# Roof Rack Noise



## Blaatzee (Nov 11, 2015)

The roof racks on our Q3 make an incredible amount of noise. I noticed online that a lot of the aftermarket roof rack companies offer a variety of products to combat this noise. But the ones I have seen won't fit the racks on the Q3.

Anybody have a good solution for this? Thanks in advance.


----------



## BsickPassat (May 10, 2010)

the cross bar shape is not made to reduce noise. Best to get an aftermarket one like Thule Aeroblade

of course, if you're not using it, might as well take them off.


----------



## Q3_Frankie (Nov 5, 2016)

BsickPassat said:


> the cross bar shape is not made to reduce noise. Best to get an aftermarket one like Thule Aeroblade
> 
> of course, if you're not using it, might as well take them off.

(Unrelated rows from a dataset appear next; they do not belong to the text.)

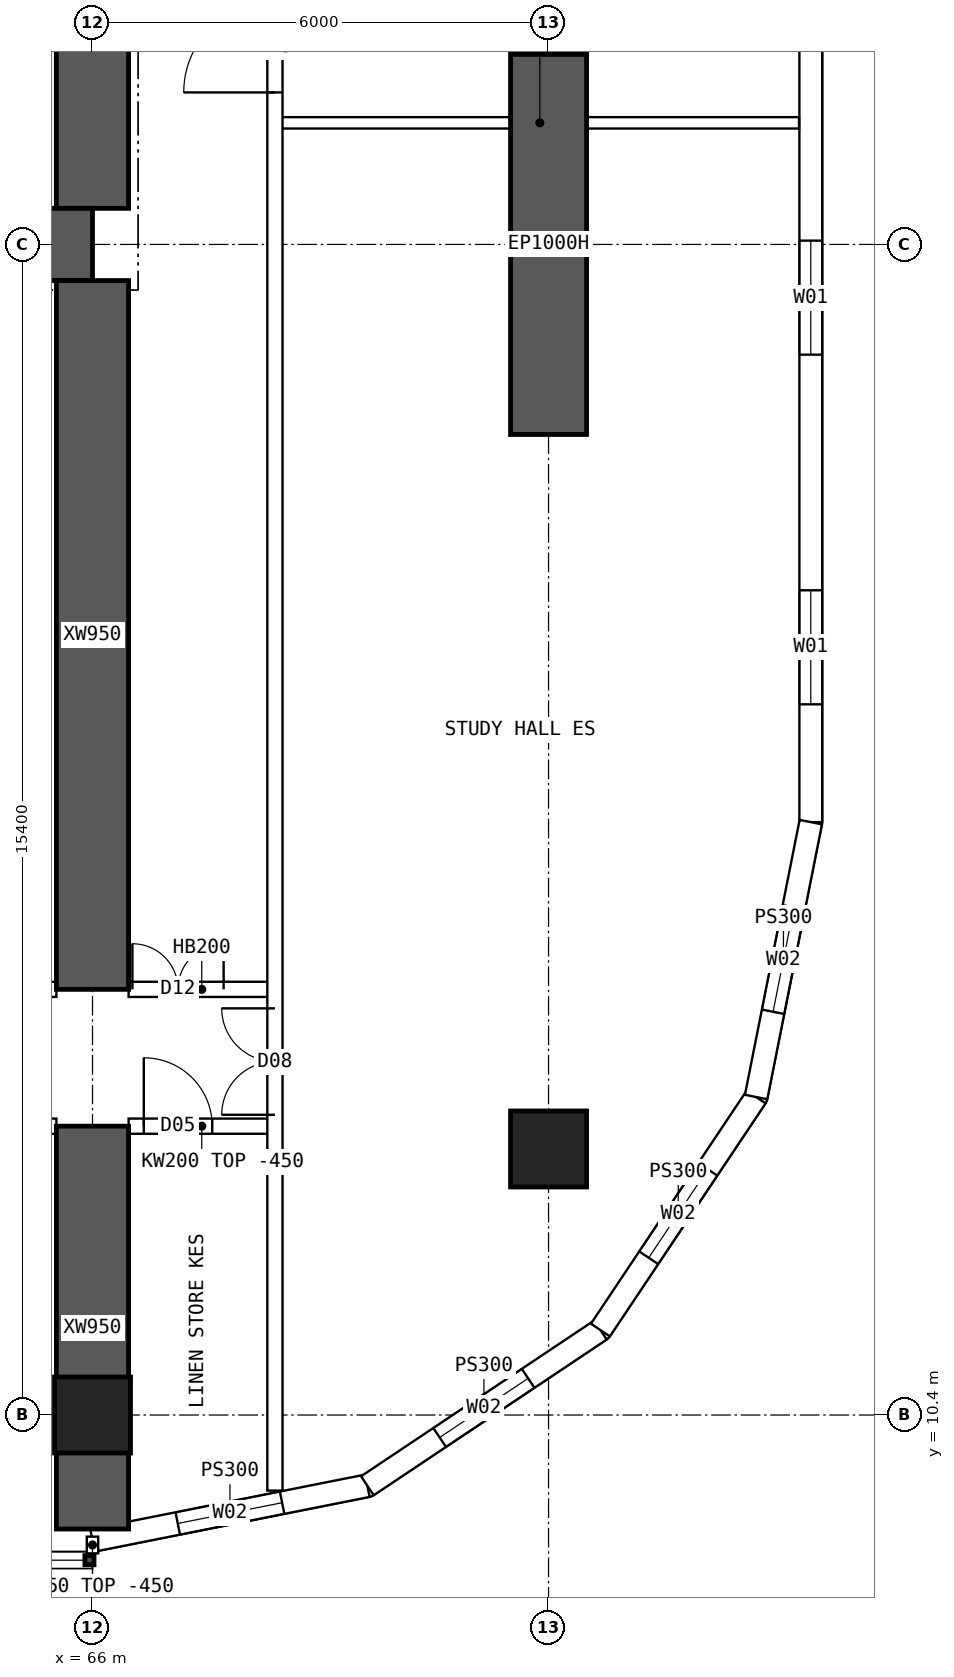
"""IFC4 building model, lengths in metres.
Left out: names, types, materials, properties, quantities, classifications, styles, units other than length and angle.
Written with IfcOpenShell. Run it as: python <this file> out.ifc"""

import sys

from ifc_helpers import new_model, si_unit, direction, frame, frame_2d, origin, origin_2d, place, context, subcontext, project, spatial, polyline, rectangle, hollow_rectangle, outline, extrude, element, fill, save


model = new_model("IFC4")
c1 = context("Model", 3, precision=1e-05, world=origin(), true_north=direction((0.0, 1.0)))
c2 = subcontext(c1, "Body", "Model", "MODEL_VIEW")
j1 = project(units=[si_unit("LENGTHUNIT", "METRE"), si_unit("PLANEANGLEUNIT", "RADIAN")], contexts=[c1])
p1 = place(None, origin())
s1 = spatial("IfcSite", under=j1, at=p1, CompositionType="ELEMENT")
p2 = place(p1, origin())
s2 = spatial("IfcBuilding", under=s1, at=p2, CompositionType="ELEMENT")
p3 = place(p2, frame((0.0, 0.0, 95.65)))
s3 = spatial("IfcBuildingStorey", under=s2, at=p3, CompositionType="ELEMENT", Elevation=95.65)
for number, where, z_axis, x_axis in (
    (1, (66.0, 10.4, 0.0), (0.0, 0.0, 1.0), (1.0, 0.0, 0.0)),
    (2, (72.0, 13.9, 0.0), (0.0, 0.0, 1.0), (1.0, 0.0, 0.0)),
):
    element("IfcColumn", number, at=place(p3, frame(where, z_axis=z_axis, x_axis=x_axis)), inside=s3, PredefinedType="COLUMN", context=c2, shape_type="SweptSolid", body=[
        extrude(hollow_rectangle(XDim=1.0, YDim=1.0, WallThickness=0.1, at=origin_2d()), origin(), (0.0, 0.0, 1.0), 3.75),
    ])
p4 = place(p3, frame((72.0, 23.3, 0.0), z_axis=(0.0, 0.0, 1.0), x_axis=(0.0, 1.0, 0.0)))
e3 = element("IfcWall", 3, at=p4, inside=s3, PredefinedType="SHEAR", context=c2, shape_type="SweptSolid", body=[
    extrude(rectangle(XDim=5.0, YDim=1.0, at=frame_2d((2.5, 0.0))), origin(), (0.0, 0.0, 1.0), 3.75),
])
p5 = place(p3, frame((18.0, 25.8, 0.0), z_axis=(0.0, 0.0, 1.0), x_axis=(1.0, 0.0, 0.0)))
e4 = element("IfcWall", 4, at=p5, inside=s3, PredefinedType="SHEAR", context=c2, shape_type="SweptSolid", body=[
    extrude(rectangle(XDim=48.0, YDim=0.95, at=frame_2d((24.0, 0.0))), origin(), (0.0, 0.0, 1.0), 3.75),
])
p6 = place(p3, frame((66.0, 26.275, 0.0), z_axis=(0.0, 0.0, 1.0), x_axis=(0.0, 1.0, 0.0)))
e5 = element("IfcWall", 5, at=p6, inside=s3, PredefinedType="SHEAR", context=c2, shape_type="SweptSolid", body=[
    extrude(rectangle(XDim=11.45, YDim=0.95, at=frame_2d((5.725, 0.0))), origin(), (0.0, 0.0, 1.0), 3.75),
])
p7 = place(p6, frame((5.025, 0.0, 0.0)))
e6 = element("IfcOpeningElement", 6, at=p7, cuts=e5, PredefinedType="OPENING", context=c2, shape_type="SweptSolid", body=[
    extrude(rectangle(XDim=1.2, YDim=2.1, at=frame_2d((0.6, 1.05))), frame((0.0, 0.485, 0.0), z_axis=(0.0, -1.0, 0.0), x_axis=(1.0, 0.0, 0.0)), (0.0, 0.0, 1.0), 0.97),
])
p8 = place(p3, frame((66.0, 8.9, 0.0), z_axis=(0.0, 0.0, 1.0), x_axis=(0.0, 1.0, 0.0)))
e7 = element("IfcWall", 7, at=p8, inside=s3, PredefinedType="SHEAR", context=c2, shape_type="SweptSolid", body=[
    extrude(rectangle(XDim=5.3, YDim=0.95, at=frame_2d((2.65, 0.0))), origin(), (0.0, 0.0, 1.0), 3.75),
])
p9 = place(p3, frame((66.0, 16.0, 0.0), z_axis=(0.0, 0.0, 1.0), x_axis=(0.0, 1.0, 0.0)))
e8 = element("IfcWall", 8, at=p9, inside=s3, PredefinedType="SHEAR", context=c2, shape_type="SweptSolid", body=[
    extrude(rectangle(XDim=9.325, YDim=0.95, at=frame_2d((4.663, 0.0))), origin(), (0.0, 0.0, 1.0), 3.75),
])
p10 = place(p3, frame((75.45, 18.2, 0.0), z_axis=(0.0, 0.0, 1.0), x_axis=(0.0, 1.0, 0.0)))
e9 = element("IfcWall", 9, at=p10, inside=s3, PredefinedType="SOLIDWALL", context=c2, shape_type="SweptSolid", body=[
    extrude(outline(polyline([(-0.015, -0.15), (27.615, -0.15), (27.585, 0.15), (0.015, 0.15), (-0.015, -0.15)])), origin(), (0.0, 0.0, 1.0), 3.3),
])
p11 = place(p10, frame((1.55, 0.0, 0.9)))
e10 = element("IfcOpeningElement", 10, at=p11, cuts=e9, PredefinedType="OPENING", context=c2, shape_type="SweptSolid", body=[
    extrude(rectangle(XDim=1.5, YDim=2.0, at=frame_2d((0.75, 1.0))), frame((0.0, 0.16, 0.0), z_axis=(0.0, -1.0, 0.0), x_axis=(1.0, 0.0, 0.0)), (0.0, 0.0, 1.0), 0.32),
])
p12 = place(p10, frame((6.15, 0.0, 0.9)))
e11 = element("IfcOpeningElement", 11, at=p12, cuts=e9, PredefinedType="OPENING", context=c2, shape_type="SweptSolid", body=[
    extrude(rectangle(XDim=1.5, YDim=2.0, at=frame_2d((0.75, 1.0))), frame((0.0, 0.16, 0.0), z_axis=(0.0, -1.0, 0.0), x_axis=(1.0, 0.0, 0.0)), (0.0, 0.0, 1.0), 0.32),
])
p13 = place(p10, frame((10.75, 0.0, 0.9)))
e12 = element("IfcOpeningElement", 12, at=p13, cuts=e9, PredefinedType="OPENING", context=c2, shape_type="SweptSolid", body=[
    extrude(rectangle(XDim=1.5, YDim=2.0, at=frame_2d((0.75, 1.0))), frame((0.0, 0.16, 0.0), z_axis=(0.0, -1.0, 0.0), x_axis=(1.0, 0.0, 0.0)), (0.0, 0.0, 1.0), 0.32),
])
p14 = place(p10, frame((15.35, 0.0, 0.9)))
e13 = element("IfcOpeningElement", 13, at=p14, cuts=e9, PredefinedType="OPENING", context=c2, shape_type="SweptSolid", body=[
    extrude(rectangle(XDim=1.5, YDim=2.0, at=frame_2d((0.75, 1.0))), frame((0.0, 0.16, 0.0), z_axis=(0.0, -1.0, 0.0), x_axis=(1.0, 0.0, 0.0)), (0.0, 0.0, 1.0), 0.32),
])
p15 = place(p10, frame((19.95, 0.0, 0.9)))
e14 = element("IfcOpeningElement", 14, at=p15, cuts=e9, PredefinedType="OPENING", context=c2, shape_type="SweptSolid", body=[
    extrude(rectangle(XDim=1.5, YDim=2.0, at=frame_2d((0.75, 1.0))), frame((0.0, 0.16, 0.0), z_axis=(0.0, -1.0, 0.0), x_axis=(1.0, 0.0, 0.0)), (0.0, 0.0, 1.0), 0.32),
])
p16 = place(p10, frame((24.55, 0.0, 0.9)))
e15 = element("IfcOpeningElement", 15, at=p16, cuts=e9, PredefinedType="OPENING", context=c2, shape_type="SweptSolid", body=[
    extrude(rectangle(XDim=1.5, YDim=2.0, at=frame_2d((0.75, 1.0))), frame((0.0, 0.16, 0.0), z_axis=(0.0, -1.0, 0.0), x_axis=(1.0, 0.0, 0.0)), (0.0, 0.0, 1.0), 0.32),
])
p17 = place(p3, frame((66.0, 8.75, 0.0), z_axis=(0.0, 0.0, 1.0), x_axis=(0.980791473772, 0.195059183267, 0.0)))
e16 = element("IfcWall", 16, at=p17, inside=s3, PredefinedType="SOLIDWALL", context=c2, shape_type="SweptSolid", body=[
    extrude(outline(polyline([(-0.03, -0.15), (3.717, -0.15), (3.657, 0.15), (0.03, 0.15), (-0.03, -0.15)])), origin(), (0.0, 0.0, 1.0), 3.3),
])
p18 = place(p17, frame((1.144, 0.0, 0.9)))
e17 = element("IfcOpeningElement", 17, at=p18, cuts=e16, PredefinedType="OPENING", context=c2, shape_type="SweptSolid", body=[
    extrude(rectangle(XDim=1.4, YDim=1.8, at=frame_2d((0.7, 0.9))), frame((0.0, 0.16, 0.0), z_axis=(0.0, -1.0, 0.0), x_axis=(1.0, 0.0, 0.0)), (0.0, 0.0, 1.0), 0.32),
])
p19 = place(p3, frame((69.616, 9.469, 0.0), z_axis=(0.0, 0.0, 1.0), x_axis=(0.831448786846, 0.555601399253, 0.0)))
e18 = element("IfcWall", 18, at=p19, inside=s3, PredefinedType="SOLIDWALL", context=c2, shape_type="SweptSolid", body=[
    extrude(outline(polyline([(-0.03, -0.15), (3.717, -0.15), (3.657, 0.15), (0.03, 0.15), (-0.03, -0.15)])), origin(), (0.0, 0.0, 1.0), 3.3),
])
p20 = place(p19, frame((1.144, 0.0, 0.9)))
e19 = element("IfcOpeningElement", 19, at=p20, cuts=e18, PredefinedType="OPENING", context=c2, shape_type="SweptSolid", body=[
    extrude(rectangle(XDim=1.4, YDim=1.8, at=frame_2d((0.7, 0.9))), frame((0.0, 0.16, 0.0), z_axis=(0.0, -1.0, 0.0), x_axis=(1.0, 0.0, 0.0)), (0.0, 0.0, 1.0), 0.32),
])
p21 = place(p3, frame((72.682, 11.518, 0.0), z_axis=(0.0, 0.0, 1.0), x_axis=(0.555601399253, 0.831448786846, 0.0)))
e20 = element("IfcWall", 20, at=p21, inside=s3, PredefinedType="SOLIDWALL", context=c2, shape_type="SweptSolid", body=[
    extrude(outline(polyline([(-0.03, -0.15), (3.717, -0.15), (3.657, 0.15), (0.03, 0.15), (-0.03, -0.15)])), origin(), (0.0, 0.0, 1.0), 3.3),
])
p22 = place(p21, frame((1.144, 0.0, 0.9)))
e21 = element("IfcOpeningElement", 21, at=p22, cuts=e20, PredefinedType="OPENING", context=c2, shape_type="SweptSolid", body=[
    extrude(rectangle(XDim=1.4, YDim=1.8, at=frame_2d((0.7, 0.9))), frame((0.0, 0.16, 0.0), z_axis=(0.0, -1.0, 0.0), x_axis=(1.0, 0.0, 0.0)), (0.0, 0.0, 1.0), 0.32),
])
p23 = place(p3, frame((74.731, 14.583, 0.0), z_axis=(0.0, 0.0, 1.0), x_axis=(0.195059183267, 0.980791473772, 0.0)))
e22 = element("IfcWall", 22, at=p23, inside=s3, PredefinedType="SOLIDWALL", context=c2, shape_type="SweptSolid", body=[
    extrude(outline(polyline([(-0.03, -0.15), (3.702, -0.15), (3.672, 0.15), (0.03, 0.15), (-0.03, -0.15)])), origin(), (0.0, 0.0, 1.0), 3.3),
])
p24 = place(p23, frame((1.144, 0.0, 0.9)))
e23 = element("IfcOpeningElement", 23, at=p24, cuts=e22, PredefinedType="OPENING", context=c2, shape_type="SweptSolid", body=[
    extrude(rectangle(XDim=1.4, YDim=1.8, at=frame_2d((0.7, 0.9))), frame((0.0, 0.16, 0.0), z_axis=(0.0, -1.0, 0.0), x_axis=(1.0, 0.0, 0.0)), (0.0, 0.0, 1.0), 0.32),
])
p25 = place(p3, frame((60.475, 14.2, 0.0), z_axis=(0.0, 0.0, 1.0), x_axis=(1.0, 0.0, 0.0)))
e24 = element("IfcWall", 24, at=p25, inside=s3, PredefinedType="SOLIDWALL", context=c2, shape_type="SweptSolid", body=[
    extrude(outline(polyline([(0.0, 0.0), (5.05, 0.0), (5.05, 2.9), (0.0, 2.9), (0.0, 0.0)])), frame((0.0, 0.1, 0.0), z_axis=(0.0, -1.0, 0.0), x_axis=(1.0, 0.0, 0.0)), (0.0, 0.0, 1.0), 0.2),
])
p26 = place(p25, frame((0.1, 0.0, 0.0)))
e25 = element("IfcOpeningElement", 25, at=p26, cuts=e24, PredefinedType="OPENING", context=c2, shape_type="SweptSolid", body=[
    extrude(rectangle(XDim=0.9, YDim=2.1, at=frame_2d((0.45, 1.05))), frame((0.0, 0.11, 0.0), z_axis=(0.0, -1.0, 0.0), x_axis=(1.0, 0.0, 0.0)), (0.0, 0.0, 1.0), 0.22),
])
p27 = place(p25, frame((4.05, 0.0, 0.0)))
e26 = element("IfcOpeningElement", 26, at=p27, cuts=e24, PredefinedType="OPENING", context=c2, shape_type="SweptSolid", body=[
    extrude(rectangle(XDim=0.9, YDim=2.1, at=frame_2d((0.45, 1.05))), frame((0.0, 0.11, 0.0), z_axis=(0.0, -1.0, 0.0), x_axis=(1.0, 0.0, 0.0)), (0.0, 0.0, 1.0), 0.22),
])
p28 = place(p3, frame((60.475, 16.0, 0.0), z_axis=(0.0, 0.0, 1.0), x_axis=(1.0, 0.0, 0.0)))
e27 = element("IfcWall", 27, at=p28, inside=s3, PredefinedType="SOLIDWALL", context=c2, shape_type="SweptSolid", body=[
    extrude(rectangle(XDim=5.05, YDim=0.2, at=frame_2d((2.525, 0.0))), origin(), (0.0, 0.0, 1.0), 3.3),
])
p29 = place(p28, frame((0.15, 0.0, 0.0)))
e28 = element("IfcOpeningElement", 28, at=p29, cuts=e27, PredefinedType="OPENING", context=c2, shape_type="SweptSolid", body=[
    extrude(rectangle(XDim=0.9, YDim=2.1, at=frame_2d((0.45, 1.05))), frame((0.0, 0.11, 0.0), z_axis=(0.0, -1.0, 0.0), x_axis=(1.0, 0.0, 0.0)), (0.0, 0.0, 1.0), 0.22),
])
p30 = place(p28, frame((3.185, 0.0, 0.0)))
e29 = element("IfcOpeningElement", 29, at=p30, cuts=e27, PredefinedType="OPENING", context=c2, shape_type="SweptSolid", body=[
    extrude(rectangle(XDim=0.9, YDim=2.1, at=frame_2d((0.45, 1.05))), frame((0.0, 0.11, 0.0), z_axis=(0.0, -1.0, 0.0), x_axis=(1.0, 0.0, 0.0)), (0.0, 0.0, 1.0), 0.22),
])
p31 = place(p3, frame((66.475, 14.2, 0.0), z_axis=(0.0, 0.0, 1.0), x_axis=(1.0, 0.0, 0.0)))
e30 = element("IfcWall", 30, at=p31, inside=s3, PredefinedType="SOLIDWALL", context=c2, shape_type="SweptSolid", body=[
    extrude(rectangle(XDim=1.925, YDim=0.2, at=frame_2d((0.962, 0.0))), origin(), (0.0, 0.0, 1.0), 3.3),
])
p32 = place(p31, frame((0.2, 0.0, 0.0)))
e31 = element("IfcOpeningElement", 31, at=p32, cuts=e30, PredefinedType="OPENING", context=c2, shape_type="SweptSolid", body=[
    extrude(rectangle(XDim=0.9, YDim=2.1, at=frame_2d((0.45, 1.05))), frame((0.0, 0.11, 0.0), z_axis=(0.0, -1.0, 0.0), x_axis=(1.0, 0.0, 0.0)), (0.0, 0.0, 1.0), 0.22),
])
p33 = place(p3, frame((66.475, 16.0, 0.0), z_axis=(0.0, 0.0, 1.0), x_axis=(1.0, 0.0, 0.0)))
e32 = element("IfcWall", 32, at=p33, inside=s3, PredefinedType="SOLIDWALL", context=c2, shape_type="SweptSolid", body=[
    extrude(rectangle(XDim=1.925, YDim=0.2, at=frame_2d((0.962, 0.0))), origin(), (0.0, 0.0, 1.0), 3.3),
])
p34 = place(p33, frame((0.05, 0.0, 0.0)))
e33 = element("IfcOpeningElement", 33, at=p34, cuts=e32, PredefinedType="OPENING", context=c2, shape_type="SweptSolid", body=[
    extrude(rectangle(XDim=1.2, YDim=2.1, at=frame_2d((0.6, 1.05))), frame((0.0, 0.11, 0.0), z_axis=(0.0, -1.0, 0.0), x_axis=(1.0, 0.0, 0.0)), (0.0, 0.0, 1.0), 0.22),
])
p35 = place(p3, frame((68.4, 9.405, 0.0), z_axis=(0.0, 0.0, 1.0), x_axis=(0.0, 1.0, 0.0)))
e34 = element("IfcWall", 34, at=p35, inside=s3, PredefinedType="SOLIDWALL", context=c2, shape_type="SweptSolid", body=[
    extrude(rectangle(XDim=45.189, YDim=0.2, at=frame_2d((22.595, 0.0))), origin(), (0.0, 0.0, 1.0), 3.3),
])
p36 = place(p35, frame((18.395, 0.0, 0.0)))
e35 = element("IfcOpeningElement", 35, at=p36, cuts=e34, PredefinedType="OPENING", context=c2, shape_type="SweptSolid", body=[
    extrude(rectangle(XDim=1.2, YDim=2.1, at=frame_2d((0.6, 1.05))), frame((0.0, 0.11, 0.0), z_axis=(0.0, -1.0, 0.0), x_axis=(1.0, 0.0, 0.0)), (0.0, 0.0, 1.0), 0.22),
])
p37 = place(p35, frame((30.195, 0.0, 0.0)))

I second the taking them off comment! It will improve your MPG's also! I'm glad I went with a hitch mounted rack on my Q3 since it doesn't make any noise when not in use and doesn't seem to affect MPG's like my roof mounted setups on previous cars.


----------



## 2016vwturbo (Dec 18, 2015)

Q3_Frankie said:


> I second the taking them off comment! It will improve your MPG's also! I'm glad I went with a hitch mounted rack on my Q3 since it doesn't make any noise when not in use and doesn't seem to affect MPG's like my roof mounted setups on previous cars.


What kind of hitch did you go with? Oem? Pics by any chance? Thanks.



Sent from my iPhone using Tapatalk


----------



## CC'ed (Dec 1, 2009)

If you have the smooth black rubber strips on the top of the rack, there are an improved version, with ridges, that is said to reduce the wind noise. Easy to pull out the smooth strips and install the ridged strip.
Audi part number 4G9 071 633 ($30 to $50 for 2(?), each is 47 inches long)
Thule part number 852-5402-005 ($7 each, need 2, each is 59 inches long). These are the OEM parts, used in the Audi carrier bar.
and the cheaper Rhino-Rack M626 might fit too, but these each might be only about 10 inches long (400mm).


----------